- Education: University of Oxford Stirling University
- Awards: First prize, THES/OUP Science Essay competition and THES Humanities and Social Sciences Writing Prize
- Scientific career
- Fields: Neuropsychology, Physiology, Psychology
- Workplaces: University of Oxford, Department of Physiology, Anatomy and Genetics
- Thesis: Computational modelling of the contribution of posterior parietal cortex to saccadic eye movements. (1999)

= Kathleen Taylor (biologist) =

British biologist

Kathleen E. Taylor is a popular science author and a research scientist in the Department of Physiology, Anatomy and Genetics at the University of Oxford. In July 2012 she was appointed as a Science Fellow of the Institute for Food, Brain and Behaviour.

==Education==
Taylor attended the University of Oxford where she studied physiology and philosophy. She obtained a master's degree in psychology from Stirling University, and received her doctorate in computational neuroscience from the University of Oxford.

==Research==
Taylor performed postdoctoral research in the areas of neuroimmunology and cognitive neuroscience. She is a neuroscientist at the University of Oxford and works out of the university's Department of Physiology, Anatomy and Genetics. She performs research in the areas of physiology, psychology and the neuroscience of belief.

==Published work==
In 2003 Taylor won first prize in both the THES/OUP Science Essay competition and the THES Humanities and Social Sciences Writing Prize.

Brainwashing: The Science of Thought Control (2004), her first book, was "highly commended" and runner-up in the 2005 Times Higher Education Supplement Young Academic Author Award, and also made it to the shortlist for the 2005 MIND "Book of the Year Award". The book also made it to the longlist of the 2005 Aventis "Science Book Prize", where it was described as containing "elegant and accessible prose".

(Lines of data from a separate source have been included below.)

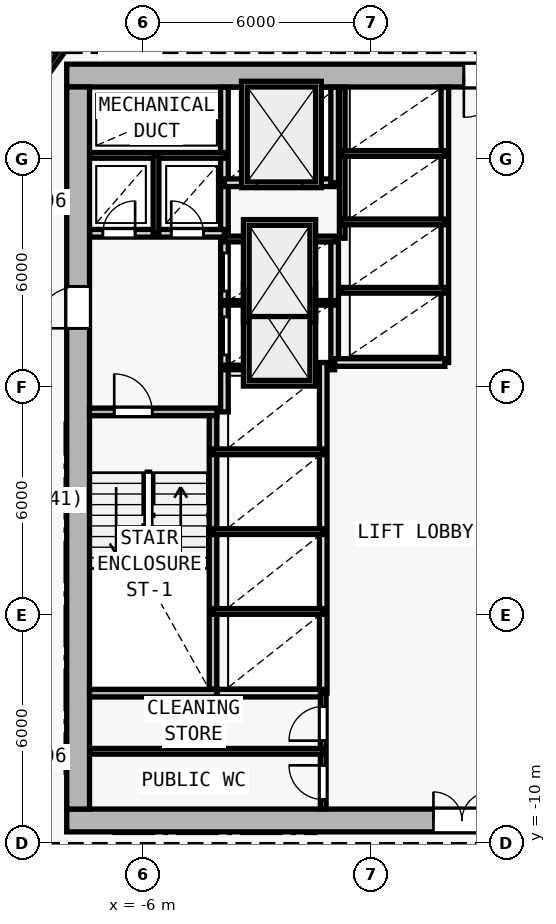
"""IFC4 building model, lengths in metres.
Left out: names, types, materials, properties, quantities, classifications, styles, units other than length and angle.
Written with IfcOpenShell. Run it as: python <this file> out.ifc"""

import sys

from ifc_helpers import new_model, si_unit, direction, frame, frame_2d, origin, origin_2d, place, context, subcontext, project, spatial, rectangle, i_section, extrude, element, fill, save


model = new_model("IFC4")
c1 = context("Model", 3, precision=1e-05, world=origin(), true_north=direction((0.0, 1.0)))
c2 = subcontext(c1, "Body", "Model", "MODEL_VIEW")
j1 = project(units=[si_unit("LENGTHUNIT", "METRE"), si_unit("PLANEANGLEUNIT", "RADIAN")], contexts=[c1])
p1 = place(None, origin())
s1 = spatial("IfcSite", under=j1, at=p1, CompositionType="ELEMENT")
p2 = place(p1, origin())
s2 = spatial("IfcBuilding", under=s1, at=p2, CompositionType="ELEMENT")
p3 = place(p2, frame((0.0, 0.0, 44.4)))
s3 = spatial("IfcBuildingStorey", under=s2, at=p3, CompositionType="ELEMENT", Elevation=44.4)
for number, where, z_axis, x_axis in (
    (1, (-7.7, -9.4, 0.0), (0.0, 0.0, 1.0), (1.0, 0.0, 0.0)),
    (2, (-7.7, 10.2, 0.0), (0.0, 0.0, 1.0), (1.0, 0.0, 0.0)),
    (3, (0.0, -9.4, 0.0), (0.0, 0.0, 1.0), (1.0, 0.0, 0.0)),
    (4, (-7.7, 2.0, 0.0), (0.0, 0.0, 1.0), (1.0, 0.0, 0.0)),
):
    element("IfcColumn", number, at=place(p3, frame(where, z_axis=z_axis, x_axis=x_axis)), inside=s3, PredefinedType="COLUMN", context=c2, shape_type="SweptSolid", body=[
        extrude(i_section(OverallWidth=0.416, OverallDepth=0.446, WebThickness=0.025, FlangeThickness=0.04, FilletRadius=0.015, at=origin_2d()), origin(), (0.0, 0.0, 1.0), 3.6),
    ])
p4 = place(p3, frame((-8.0, -9.4, 0.0), z_axis=(0.0, 0.0, 1.0), x_axis=(1.0, 0.0, 0.0)))
e5 = element("IfcWall", 5, at=p4, inside=s3, PredefinedType="SHEAR", context=c2, shape_type="SweptSolid", body=[
    extrude(rectangle(XDim=16.0, YDim=0.6, at=frame_2d((8.0, 0.0))), origin(), (0.0, 0.0, 1.0), 3.35),
])
p5 = place(p4, frame((9.65, 0.0, 0.0)))
e6 = element("IfcOpeningElement", 6, at=p5, cuts=e5, PredefinedType="OPENING", context=c2, shape_type="SweptSolid", body=[
    extrude(rectangle(XDim=1.5, YDim=2.2, at=frame_2d((0.75, 1.1))), frame((0.0, 0.31, 0.0), z_axis=(0.0, -1.0, 0.0), x_axis=(1.0, 0.0, 0.0)), (0.0, 0.0, 1.0), 0.62),
])
p6 = place(p3, frame((8.0, 10.2, 0.0), z_axis=(0.0, 0.0, 1.0), x_axis=(-1.0, 0.0, 0.0)))
e7 = element("IfcWall", 7, at=p6, inside=s3, PredefinedType="SHEAR", context=c2, shape_type="SweptSolid", body=[
    extrude(rectangle(XDim=16.0, YDim=0.6, at=frame_2d((8.0, 0.0))), origin(), (0.0, 0.0, 1.0), 3.35),
])
p7 = place(p6, frame((4.45, 0.0, 0.0)))
e8 = element("IfcOpeningElement", 8, at=p7, cuts=e7, PredefinedType="OPENING", context=c2, shape_type="SweptSolid", body=[
    extrude(rectangle(XDim=1.1, YDim=2.15, at=frame_2d((0.55, 1.075))), frame((0.0, 0.31, 0.0), z_axis=(0.0, -1.0, 0.0), x_axis=(1.0, 0.0, 0.0)), (0.0, 0.0, 1.0), 0.62),
])
p8 = place(p3, frame((-7.7, -9.1, 0.0), z_axis=(0.0, 0.0, 1.0), x_axis=(0.0, 1.0, 0.0)))
e9 = element("IfcWall", 9, at=p8, inside=s3, PredefinedType="SHEAR", context=c2, shape_type="SweptSolid", body=[
    extrude(rectangle(XDim=19.0, YDim=0.6, at=frame_2d((9.5, 0.0))), origin(), (0.0, 0.0, 1.0), 3.35),
])
p9 = place(p8, frame((12.65, 0.0, 0.0)))
e10 = element("IfcOpeningElement", 10, at=p9, cuts=e9, PredefinedType="OPENING", context=c2, shape_type="SweptSolid", body=[
    extrude(rectangle(XDim=1.1, YDim=2.15, at=frame_2d((0.55, 1.075))), frame((0.0, 0.31, 0.0), z_axis=(0.0, -1.0, 0.0), x_axis=(1.0, 0.0, 0.0)), (0.0, 0.0, 1.0), 0.62),
])
p10 = place(p3, frame((-7.4, 1.35, 0.0), z_axis=(0.0, 0.0, 1.0), x_axis=(1.0, 0.0, 0.0)))
e11 = element("IfcWall", 11, at=p10, inside=s3, PredefinedType="SOLIDWALL", context=c2, shape_type="SweptSolid", body=[
    extrude(rectangle(XDim=3.35, YDim=0.2, at=frame_2d((1.675, 0.0))), origin(), (0.0, 0.0, 1.0), 3.35),
])
p11 = place(p10, frame((0.65, 0.0, 0.0)))
e12 = element("IfcOpeningElement", 12, at=p11, cuts=e11, PredefinedType="OPENING", context=c2, shape_type="SweptSolid", body=[
    extrude(rectangle(XDim=1.0, YDim=2.15, at=frame_2d((0.5, 1.075))), frame((0.0, 0.11, 0.0), z_axis=(0.0, -1.0, 0.0), x_axis=(1.0, 0.0, 0.0)), (0.0, 0.0, 1.0), 0.22),
])
p12 = place(p3, frame((-4.15, -5.95, 0.0), z_axis=(0.0, 0.0, 1.0), x_axis=(0.0, 1.0, 0.0)))
e13 = element("IfcWall", 13, at=p12, inside=s3, PredefinedType="SOLIDWALL", context=c2, shape_type="SweptSolid", body=[
    extrude(rectangle(XDim=7.2, YDim=0.2, at=frame_2d((3.6, 0.0))), origin(), (0.0, 0.0, 1.0), 3.35),
])
p13 = place(p3, frame((-3.85, 1.35, 0.0), z_axis=(0.0, 0.0, 1.0), x_axis=(0.0, 1.0, 0.0)))
e14 = element("IfcWall", 14, at=p13, inside=s3, PredefinedType="SOLIDWALL", context=c2, shape_type="SweptSolid", body=[
    extrude(rectangle(XDim=8.545, YDim=0.2, at=frame_2d((4.272, 0.0))), origin(), (0.0, 0.0, 1.0), 3.35),
])
p14 = place(p13, frame((1.5, 0.0, 0.0)))
e15 = element("IfcOpeningElement", 15, at=p14, cuts=e14, PredefinedType="OPENING", context=c2, shape_type="SweptSolid", body=[
    extrude(rectangle(XDim=1.0, YDim=2.15, at=frame_2d((0.5, 1.075))), frame((0.0, 0.11, 0.0), z_axis=(0.0, -1.0, 0.0), x_axis=(1.0, 0.0, 0.0)), (0.0, 0.0, 1.0), 0.22),
])
p15 = place(p13, frame((3.18, 0.0, 0.0)))
e16 = element("IfcOpeningElement", 16, at=p15, cuts=e14, PredefinedType="OPENING", context=c2, shape_type="SweptSolid", body=[
    extrude(rectangle(XDim=1.0, YDim=2.15, at=frame_2d((0.5, 1.075))), frame((0.0, 0.11, 0.0), z_axis=(0.0, -1.0, 0.0), x_axis=(1.0, 0.0, 0.0)), (0.0, 0.0, 1.0), 0.22),
])
p16 = place(p3, frame((-7.395, 6.05, 0.0), z_axis=(0.0, 0.0, 1.0), x_axis=(1.0, 0.0, 0.0)))
e17 = element("IfcWall", 17, at=p16, inside=s3, PredefinedType="SOLIDWALL", context=c2, shape_type="SweptSolid", body=[
    extrude(rectangle(XDim=3.545, YDim=0.2, at=frame_2d((1.772, 0.0))), origin(), (0.0, 0.0, 1.0), 3.35),
])
p17 = place(p16, frame((0.345, 0.0, 0.0)))
e18 = element("IfcOpeningElement", 18, at=p17, cuts=e17, PredefinedType="OPENING", context=c2, shape_type="SweptSolid", body=[
    extrude(rectangle(XDim=0.85, YDim=2.1, at=frame_2d((0.425, 1.05))), frame((0.0, 0.11, 0.0), z_axis=(0.0, -1.0, 0.0), x_axis=(1.0, 0.0, 0.0)), (0.0, 0.0, 1.0), 0.22),
])
p18 = place(p16, frame((2.145, 0.0, 0.0)))
e19 = element("IfcOpeningElement", 19, at=p18, cuts=e17, PredefinedType="OPENING", context=c2, shape_type="SweptSolid", body=[
    extrude(rectangle(XDim=0.85, YDim=2.1, at=frame_2d((0.425, 1.05))), frame((0.0, 0.11, 0.0), z_axis=(0.0, -1.0, 0.0), x_axis=(1.0, 0.0, 0.0)), (0.0, 0.0, 1.0), 0.22),
])
p19 = place(p3, frame((-7.395, 8.1, 0.0), z_axis=(0.0, 0.0, 1.0), x_axis=(1.0, 0.0, 0.0)))
e20 = element("IfcWall", 20, at=p19, inside=s3, PredefinedType="PARTITIONING", context=c2, shape_type="SweptSolid", body=[
    extrude(rectangle(XDim=3.545, YDim=0.15, at=frame_2d((1.772, 0.0))), origin(), (0.0, 0.0, 1.0), 3.35),
])
p20 = place(p3, frame((-5.65, 6.05, 0.0), z_axis=(0.0, 0.0, 1.0), x_axis=(0.0, 1.0, 0.0)))
e21 = element("IfcWall", 21, at=p20, inside=s3, PredefinedType="PARTITIONING", context=c2, shape_type="SweptSolid", body=[
    extrude(rectangle(XDim=2.05, YDim=0.15, at=frame_2d((1.025, 0.0))), origin(), (0.0, 0.0, 1.0), 3.35),
])
p21 = place(p3, frame((-0.95, 2.65, 0.0), z_axis=(0.0, 0.0, 1.0), x_axis=(0.0, 1.0, 0.0)))
e22 = element("IfcWall", 22, at=p21, inside=s3, PredefinedType="SOLIDWALL", context=c2, shape_type="SweptSolid", body=[
    extrude(rectangle(XDim=3.27, YDim=0.2, at=frame_2d((1.635, 0.0))), origin(), (0.0, 0.0, 1.0), 3.35),
])
for number, where, z_axis, x_axis in (
    (23, (-3.85, 2.52, 0.0), (0.0, 0.0, 1.0), (1.0, 0.0, 0.0)),
    (24, (-3.85, 4.22, 0.0), (0.0, 0.0, 1.0), (1.0, 0.0, 0.0)),
):
    element("IfcWall", number, at=place(p3, frame(where, z_axis=z_axis, x_axis=x_axis)), inside=s3, PredefinedType="PARTITIONING", context=c2, shape_type="SweptSolid", body=[
        extrude(rectangle(XDim=2.9, YDim=0.12, at=frame_2d((1.45, 0.0))), origin(), (0.0, 0.0, 1.0), 3.35),
    ])
p22 = place(p3, frame((-3.85, 5.9, 0.0), z_axis=(0.0, 0.0, 1.0), x_axis=(1.0, 0.0, 0.0)))
e25 = element("IfcWall", 25, at=p22, inside=s3, PredefinedType="PARTITIONING", context=c2, shape_type="SweptSolid", body=[
    extrude(rectangle(XDim=2.9, YDim=0.15, at=frame_2d((1.45, 0.0))), origin(), (0.0, 0.0, 1.0), 3.35),
])
p23 = place(p3, frame((-3.85, 7.38, 0.0), z_axis=(0.0, 0.0, 1.0), x_axis=(1.0, 0.0, 0.0)))
e26 = element("IfcWall", 26, at=p23, inside=s3, PredefinedType="SOLIDWALL", context=c2, shape_type="SweptSolid", body=[
    extrude(rectangle(XDim=2.9, YDim=0.2, at=frame_2d((1.45, 0.0))), origin(), (0.0, 0.0, 1.0), 3.35),
])
p24 = place(p23, frame((0.85, 0.0, 0.0)))
e27 = element("IfcOpeningElement", 27, at=p24, cuts=e26, PredefinedType="OPENING", context=c2, shape_type="SweptSolid", body=[
    extrude(rectangle(XDim=1.2, YDim=2.2, at=frame_2d((0.6, 1.1))), frame((0.0, 0.11, 0.0), z_axis=(0.0, -1.0, 0.0), x_axis=(1.0, 0.0, 0.0)), (0.0, 0.0, 1.0), 0.22),
])
p25 = place(p3, frame((-0.95, 7.38, 0.0), z_axis=(0.0, 0.0, 1.0), x_axis=(0.0, 1.0, 0.0)))
e28 = element("IfcWall", 28, at=p25, inside=s3, PredefinedType="SOLIDWALL", context=c2, shape_type="SweptSolid", body=[
    extrude(rectangle(XDim=2.515, YDim=0.2, at=frame_2d((1.258, 0.0))), origin(), (0.0, 0.0, 1.0), 3.35),
])
p26 = place(p3, frame((-1.25, -6.05, 0.0), z_axis=(0.0, 0.0, 1.0), x_axis=(0.0, 1.0, 0.0)))
e29 = element("IfcWall", 29, at=p26, inside=s3, PredefinedType="SOLIDWALL", context=c2, shape_type="SweptSolid", body=[
    extrude(rectangle(XDim=8.7, YDim=0.2, at=frame_2d((4.35, 0.0))), origin(), (0.0, 0.0, 1.0), 3.35),
])
for number, where, z_axis, x_axis in (
    (30, (-4.15, -3.9, 0.0), (0.0, 0.0, 1.0), (1.0, 0.0, 0.0)),
    (31, (-4.15, -1.8, 0.0), (0.0, 0.0, 1.0), (1.0, 0.0, 0.0)),
    (32, (-4.15, 0.3, 0.0), (0.0, 0.0, 1.0), (1.0, 0.0, 0.0)),
):
    element("IfcWall", number, at=place(p3, frame(where, z_axis=z_axis, x_axis=x_axis)), inside=s3, PredefinedType="PARTITIONING", context=c2, shape_type="SweptSolid", body=[
        extrude(rectangle(XDim=2.9, YDim=0.15, at=frame_2d((1.45, 0.0))), origin(), (0.0, 0.0, 1.0), 3.35),
    ])
p27 = place(p3, frame((1.95, 2.65, 0.0), z_axis=(0.0, 0.0, 1.0), x_axis=(0.0, 1.0, 0.0)))
e33 = element("IfcWall", 33, at=p27, inside=s3, PredefinedType="SOLIDWALL", context=c2, shape_type="SweptSolid", body=[
    extrude(rectangle(XDim=7.245, YDim=0.2, at=frame_2d((3.623, 0.0))), origin(), (0.0, 0.0, 1.0), 3.35),
])
p28 = place(p3, frame((-0.95, 2.65, 0.0), z_axis=(0.0, 0.0, 1.0), x_axis=(1.0, 0.0, 0.0)))
e34 = element("IfcWall", 34, at=p28, inside=s3, PredefinedType="SOLIDWALL", context=c2, shape_type="SweptSolid", body=[
    extrude(rectangle(XDim=2.9, YDim=0.2, at=frame_2d((1.45, 0.0))), origin(), (0.0, 0.0, 1.0), 3.35),
])
p29 = place(p3, frame((-0.75, 5.92, 0.0), z_axis=(0.0, 0.0, 1.0), x_axis=(0.0, 1.0, 0.0)))
e35 = element("IfcWall", 35, at=p29, inside=s3, PredefinedType="PARTITIONING", context=c2, shape_type="SweptSolid", body=[
    extrude(rectangle(XDim=3.975, YDim=0.15, at=frame_2d((1.988, 0.0))), origin(), (0.0, 0.0, 1.0), 3.35),
])
for number, where, z_axis, x_axis in (
    (36, (-0.75, 4.55, 0.0), (0.0, 0.0, 1.0), (1.0, 0.0, 0.0)),
    (37, (-0.75, 6.35, 0.0), (0.0, 0.0, 1.0), (1.0, 0.0, 0.0)),
    (38, (-0.75, 8.15, 0.0), (0.0, 0.0, 1.0), (1.0, 0.0, 0.0)),
):
    element("IfcWall", number, at=place(p3, frame(where, z_axis=z_axis, x_axis=x_axis)), inside=s3, PredefinedType="PARTITIONING", context=c2, shape_type="SweptSolid", body=[
        extrude(rectangle(XDim=2.7, YDim=0.15, at=frame_2d((1.35, 0.0))), origin(), (0.0, 0.0, 1.0), 3.35),
    ])
p30 = place(p3, frame((-7.4, -6.05, 0.0), z_axis=(0.0, 0.0, 1.0), x_axis=(1.0, 0.0, 0.0)))
e39 = element("IfcWall", 39, at=p30, inside=s3, PredefinedType="SOLIDWALL", context=c2, shape_type="SweptSolid", body=[
    extrude(rectangle(XDim=3.35, YDim=0.2, at=frame_2d((1.675, 0.0))), origin(), (0.0, 0.0, 1.0), 3.35),
])
p31 = place(p3, frame((-4.04, -6.05, 0.0), z_axis=(0.0, 0.0, 1.0), x_axis=(1.0, 0.0, 0.0)))
e40 = element("IfcWall", 40, at=p31, inside=s3, PredefinedType="SOLIDWALL", context=c2, shape_type="SweptSolid", body=[
    extrude(rectangle(XDim=2.79, YDim=0.2, at=frame_2d((1.395, 0.0))), origin(), (0.0, 0.0, 1.0), 3.35),
])
p32 = place(p3, frame((-1.25, -9.095, 0.0), z_axis=(0.0, 0.0, 1.0), x_axis=(0.0, 1.0, 0.0)))
e41 = element("IfcWall", 41, at=p32, inside=s3, PredefinedType="PARTITIONING", context=c2, shape_type="SweptSolid", body=[
    extrude(rectangle(XDim=3.045, YDim=0.15, at=frame_2d((1.522, 0.0))), origin(), (0.0, 0.0, 1.0), 3.35),
])
p33 = place(p32, frame((1.795, 0.0, 0.0)))
e42 = element("IfcOpeningElement", 42, at=p33, cuts=e41, PredefinedType="OPENING", context=c2, shape_type="SweptSolid", body=[
    extrude(rectangle(XDim=0.9, YDim=2.1, at=frame_2d((0.45, 1.05))), frame((0.0, 0.085, 0.0), z_axis=(0.0, -1.0, 0.0), x_axis=(1.0, 0.0, 0.0)), (0.0, 0.0, 1.0), 0.17),
])
p34 = place(p32, frame((0.245, 0.0, 0.0)))
e43 = element("IfcOpeningElement", 43, at=p34, cuts=e41, PredefinedType="OPENING", context=c2, shape_type="SweptSolid", body=[
    extrude(rectangle(XDim=0.9, YDim=2.1, at=frame_2d((0.45, 1.05))), frame((0.0, 0.085, 0.0), z_axis=(0.0, -1.0, 0.0), x_axis=(1.0, 0.0, 0.0)), (0.0, 0.0, 1.0), 0.17),
])
p35 = place(p3, frame((-7.395, -7.58, 0.0), z_axis=(0.0, 0.0, 1.0), x_axis=(1.0, 0.0, 0.0)))
e44 = element("IfcWall", 44, at=p35, inside=s3, PredefinedType="PARTITIONING", context=c2, shape_type="SweptSolid", body=[
    extrude(rectangle(XDim=6.145, YDim=0.15, at=frame_2d((3.073, 0.0))), origin(), (0.0, 0.0, 1.0), 3.35),
])
p36 = place(p3, frame((-9.86, 8.426, 0.0), z_axis=(0.0, 0.0, 1.0), x_axis=(0.582449511476, 0.812866881218, 0.0)))
e45 = element("IfcWall", 45, at=p36, inside=s3, PredefinedType="PARTITIONING", context=c2, shape_type="SweptSolid", body=[
    extrude(rectangle(XDim=4.84, YDim=0.15, at=frame_2d((2.42, 0.0))), origin(), (0.0, 0.0, 1.0), 2.725),
])
p37 = place(p36, frame((3.038, 0.0, 0.0)))
e46 = element("IfcOpeningElement", 46, at=p37, cuts=e45, PredefinedType="OPENING", context=c2, shape_type="SweptSolid", body=[
    extrude(rectangle(XDim=0.9, YDim=2.1, at=frame_2d((0.45, 1.05))), frame((0.0, 0.085, 0.0), z_axis=(0.0, -1.0, 0.0), x_axis=(1.0, 0.0, 0.0)), (0.0, 0.0, 1.0), 0.17),
])
p38 = place(p5, origin())
e47 = element("IfcDoor", 47, at=p38, inside=s3, OperationType="DOUBLE_DOOR_SINGLE_SWING", PredefinedType="DOOR", context=c2, shape_type="SweptSolid", body=[
    extrude(rectangle(XDim=1.5, YDim=2.2, at=frame_2d((0.75, 1.1))), frame((0.0, 0.025, 0.0), z_axis=(0.0, -1.0, 0.0), x_axis=(1.0, 0.0, 0.0)), (0.0, 0.0, 1.0), 0.05),
])
fill(e6, e47)
p39 = place(p9, origin())
e48 = element("IfcDoor", 48, at=p39, inside=s3, OperationType="SINGLE_SWING_LEFT", PredefinedType="DOOR", context=c2, shape_type="SweptSolid", body=[
    extrude(rectangle(XDim=1.1, YDim=2.15, at=frame_2d((0.55, 1.075))), frame((0.0, 0.025, 0.0), z_axis=(0.0, -1.0, 0.0), x_axis=(1.0, 0.0, 0.0)), (0.0, 0.0, 1.0), 0.05),
])
fill(e10, e48)
p40 = place(p7, origin())
e49 = element("IfcDoor", 49, at=p40, inside=s3, OperationType="SINGLE_SWING_RIGHT", PredefinedType="DOOR", context=c2, shape_type="SweptSolid", body=[
    extrude(rectangle(XDim=1.1, YDim=2.15, at=frame_2d((0.55, 1.075))), frame((0.0, 0.025, 0.0), z_axis=(0.0, -1.0, 0.0), x_axis=(1.0, 0.0, 0.0)), (0.0, 0.0, 1.0), 0.05),
])
fill(e8, e49)
p41 = place(p11, origin())
e50 = element("IfcDoor", 50, at=p41, inside=s3, OperationType="SINGLE_SWING_LEFT", PredefinedType="DOOR", context=c2, shape_type="SweptSolid", body=[
    extrude(rectangle(XDim=1.0, YDim=2.15, at=frame_2d((0.5, 1.075))), frame((0.0, 0.025, 0.0), z_axis=(0.0, -1.0, 0.0), x_axis=(1.0, 0.0, 0.0)), (0.0, 0.0, 1.0), 0.05),
])
fill(e12, e50)
p42 = place(p17, origin())
e51 = element("IfcDoor", 51, at=p42, inside=s3, OperationType="SINGLE_SWING_RIGHT", PredefinedType="DOOR", context=c2, shape_type="SweptSolid", body=[
    extrude(rectangle(XDim=0.85, YDim=2.1, at=frame_2d((0.425, 1.05))), frame((0.0, 0.025, 0.0), z_axis=(0.0, -1.0, 0.0), x_axis=(1.0, 0.0, 0.0)), (0.0, 0.0, 1.0), 0.05),
])
fill(e18, e51)
p43 = place(p18, origin())
e52 = element("IfcDoor", 52, at=p43, inside=s3, OperationType="SINGLE_SWING_LEFT", PredefinedType="DOOR", context=c2, shape_type="SweptSolid", body=[
    extrude(rectangle(XDim=0.85, YDim=2.1, at=frame_2d((0.425, 1.05))), frame((0.0, 0.025, 0.0), z_axis=(0.0, -1.0, 0.0), x_axis=(1.0, 0.0, 0.0)), (0.0, 0.0, 1.0), 0.05),
])
fill(e19, e52)
p44 = place(p24, origin())
e53 = element("IfcDoor", 53, at=p44, inside=s3, OperationType="DOUBLE_DOOR_SLIDING", PredefinedType="DOOR", context=c2, shape_type="SweptSolid", body=[
    extrude(rectangle(XDim=1.2, YDim=2.2, at=frame_2d((0.6, 1.1))), frame((0.0, 0.025, 0.0), z_axis=(0.0, -1.0, 0.0), x_axis=(1.0, 0.0, 0.0)), (0.0, 0.0, 1.0), 0.05),
])
fill(e27, e53)
p45 = place(p14, origin())
e54 = element("IfcDoor", 54, at=p45, inside=s3, OperationType="DOUBLE_DOOR_SLIDING", PredefinedType="DOOR", context=c2, shape_type="SweptSolid", body=[
    extrude(rectangle(XDim=1.0, YDim=2.15, at=frame_2d((0.5, 1.075))), frame((0.0, 0.025, 0.0), z_axis=(0.0, -1.0, 0.0), x_axis=(1.0, 0.0, 0.0)), (0.0, 0.0, 1.0), 0.05),
])
fill(e15, e54)
p46 = place(p15, origin())
e55 = element("IfcDoor", 55, at=p46, inside=s3, OperationType="DOUBLE_DOOR_SLIDING", PredefinedType="DOOR", context=c2, shape_type="SweptSolid", body=[
    extrude(rectangle(XDim=1.0, YDim=2.15, at=frame_2d((0.5, 1.075))), frame((0.0, 0.025, 0.0), z_axis=(0.0, -1.0, 0.0), x_axis=(1.0, 0.0, 0.0)), (0.0, 0.0, 1.0), 0.05),
])
fill(e16, e55)
p47 = place(p33, origin())
e56 = element("IfcDoor", 56, at=p47, inside=s3, OperationType="SINGLE_SWING_LEFT", PredefinedType="DOOR", context=c2, shape_type="SweptSolid", body=[
    extrude(rectangle(XDim=0.9, YDim=2.1, at=frame_2d((0.45, 1.05))), frame((0.0, 0.025, 0.0), z_axis=(0.0, -1.0, 0.0), x_axis=(1.0, 0.0, 0.0)), (0.0, 0.0, 1.0), 0.05),
])
fill(e42, e56)
p48 = place(p34, origin())
e57 = element("IfcDoor", 57, at=p48, inside=s3, OperationType="SINGLE_SWING_RIGHT", PredefinedType="DOOR", context=c2, shape_type="SweptSolid", body=[
    extrude(rectangle(XDim=0.9, YDim=2.1, at=frame_2d((0.45, 1.05))), frame((0.0, 0.025, 0.0), z_axis=(0.0, -1.0, 0.0), x_axis=(1.0, 0.0, 0.0)), (0.0, 0.0, 1.0), 0.05),
])
fill(e43, e57)
save(model, sys.argv[1])

Cruelty: Human evil and the human brain (2009) examined human cruelty, from the points of view of biology and sociology.

The Brain Supremacy (2012) uses recent examples from scientific literature and the media to explore how techniques such as fMRI function and how they could apparently be useful for thought identification. The book gives an overview of the latest advances in neuroscience while also looking at the practical and ethical side of new technologies. Taylor peers into the future and looks at how all the advances in neuroscience in its social and ethical context could possibly affect human behavior and impact peoples' daily lives.

The Fragile Brain (2016) explains dementia, what is known about its causes, its effects on victims, their families, and society, and ongoing research looking for effective treatment and prevention.